To compensate for the increased air resistance in the intake, engines fitted with Heat Plates have a slightly adjusted charge pressure, Approximately: +0.2 bar, this means that LPT models with heat plates have a solenoid valve to raise the charging pressure above basic charging pressure.

In case of a Heat Plate-failure the car may have drivability problems due condensed fuel in the intake during cold engine operations. This condensed fuel is compensated in engines without Heat Plates by enriching the A/F mixture.
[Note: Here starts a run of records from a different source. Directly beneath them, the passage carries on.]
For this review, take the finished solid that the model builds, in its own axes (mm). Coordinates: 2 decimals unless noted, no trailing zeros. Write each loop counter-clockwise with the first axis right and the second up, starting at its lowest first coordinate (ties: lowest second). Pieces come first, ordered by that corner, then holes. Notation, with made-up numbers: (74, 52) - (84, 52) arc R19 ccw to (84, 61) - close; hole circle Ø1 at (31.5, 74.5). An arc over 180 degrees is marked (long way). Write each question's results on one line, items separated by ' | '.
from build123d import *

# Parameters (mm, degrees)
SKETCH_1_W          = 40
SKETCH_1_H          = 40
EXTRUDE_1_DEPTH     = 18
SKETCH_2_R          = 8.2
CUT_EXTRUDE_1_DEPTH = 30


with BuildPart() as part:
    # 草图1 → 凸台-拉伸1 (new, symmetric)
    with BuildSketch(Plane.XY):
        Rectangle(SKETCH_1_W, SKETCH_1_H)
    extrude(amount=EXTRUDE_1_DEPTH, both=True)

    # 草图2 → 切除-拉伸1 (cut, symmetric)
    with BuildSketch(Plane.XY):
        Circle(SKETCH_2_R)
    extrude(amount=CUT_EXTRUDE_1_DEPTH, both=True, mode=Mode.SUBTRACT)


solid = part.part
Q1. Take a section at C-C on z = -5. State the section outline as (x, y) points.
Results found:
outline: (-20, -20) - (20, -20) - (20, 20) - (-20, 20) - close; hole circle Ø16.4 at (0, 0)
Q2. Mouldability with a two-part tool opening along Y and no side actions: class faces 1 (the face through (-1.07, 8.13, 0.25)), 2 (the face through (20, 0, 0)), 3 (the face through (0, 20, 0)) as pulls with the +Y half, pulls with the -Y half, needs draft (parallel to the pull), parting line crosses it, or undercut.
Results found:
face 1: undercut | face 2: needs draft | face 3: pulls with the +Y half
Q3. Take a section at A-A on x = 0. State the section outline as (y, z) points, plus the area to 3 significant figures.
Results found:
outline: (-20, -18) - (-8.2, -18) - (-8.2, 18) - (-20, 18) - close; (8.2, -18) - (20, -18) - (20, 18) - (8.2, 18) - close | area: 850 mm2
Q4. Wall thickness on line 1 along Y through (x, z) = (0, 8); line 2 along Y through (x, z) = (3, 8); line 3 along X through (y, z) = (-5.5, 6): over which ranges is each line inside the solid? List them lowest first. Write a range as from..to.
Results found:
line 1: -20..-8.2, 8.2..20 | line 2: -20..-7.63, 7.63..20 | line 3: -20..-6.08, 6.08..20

The heat plates are activated by software, which enables different algorithms to use the plates and to compensate for the intake restriction caused by the plates' presence.

== Other features ==

===Shift Up lamp===

The Shift Up lamp can be found on OBD II cars. The lamp helps the driver to drive economically. The lamp is supplied by ignition power (+15) and is grounded in the Trionic ECU, pin 55. The Shift Up Lamp is lit when the ignition is turned on for three seconds to test the circuit. During normal driving the lamp is lit when reaching a specific RPM while driving at light loads. At wide-open-throttle the Shift Up lamp is lit when the RPM is near 6000 RPM. The lamp does not light in fifth gear. The light is lit at a higher RPM when the engine is cold to promote a quicker warm up.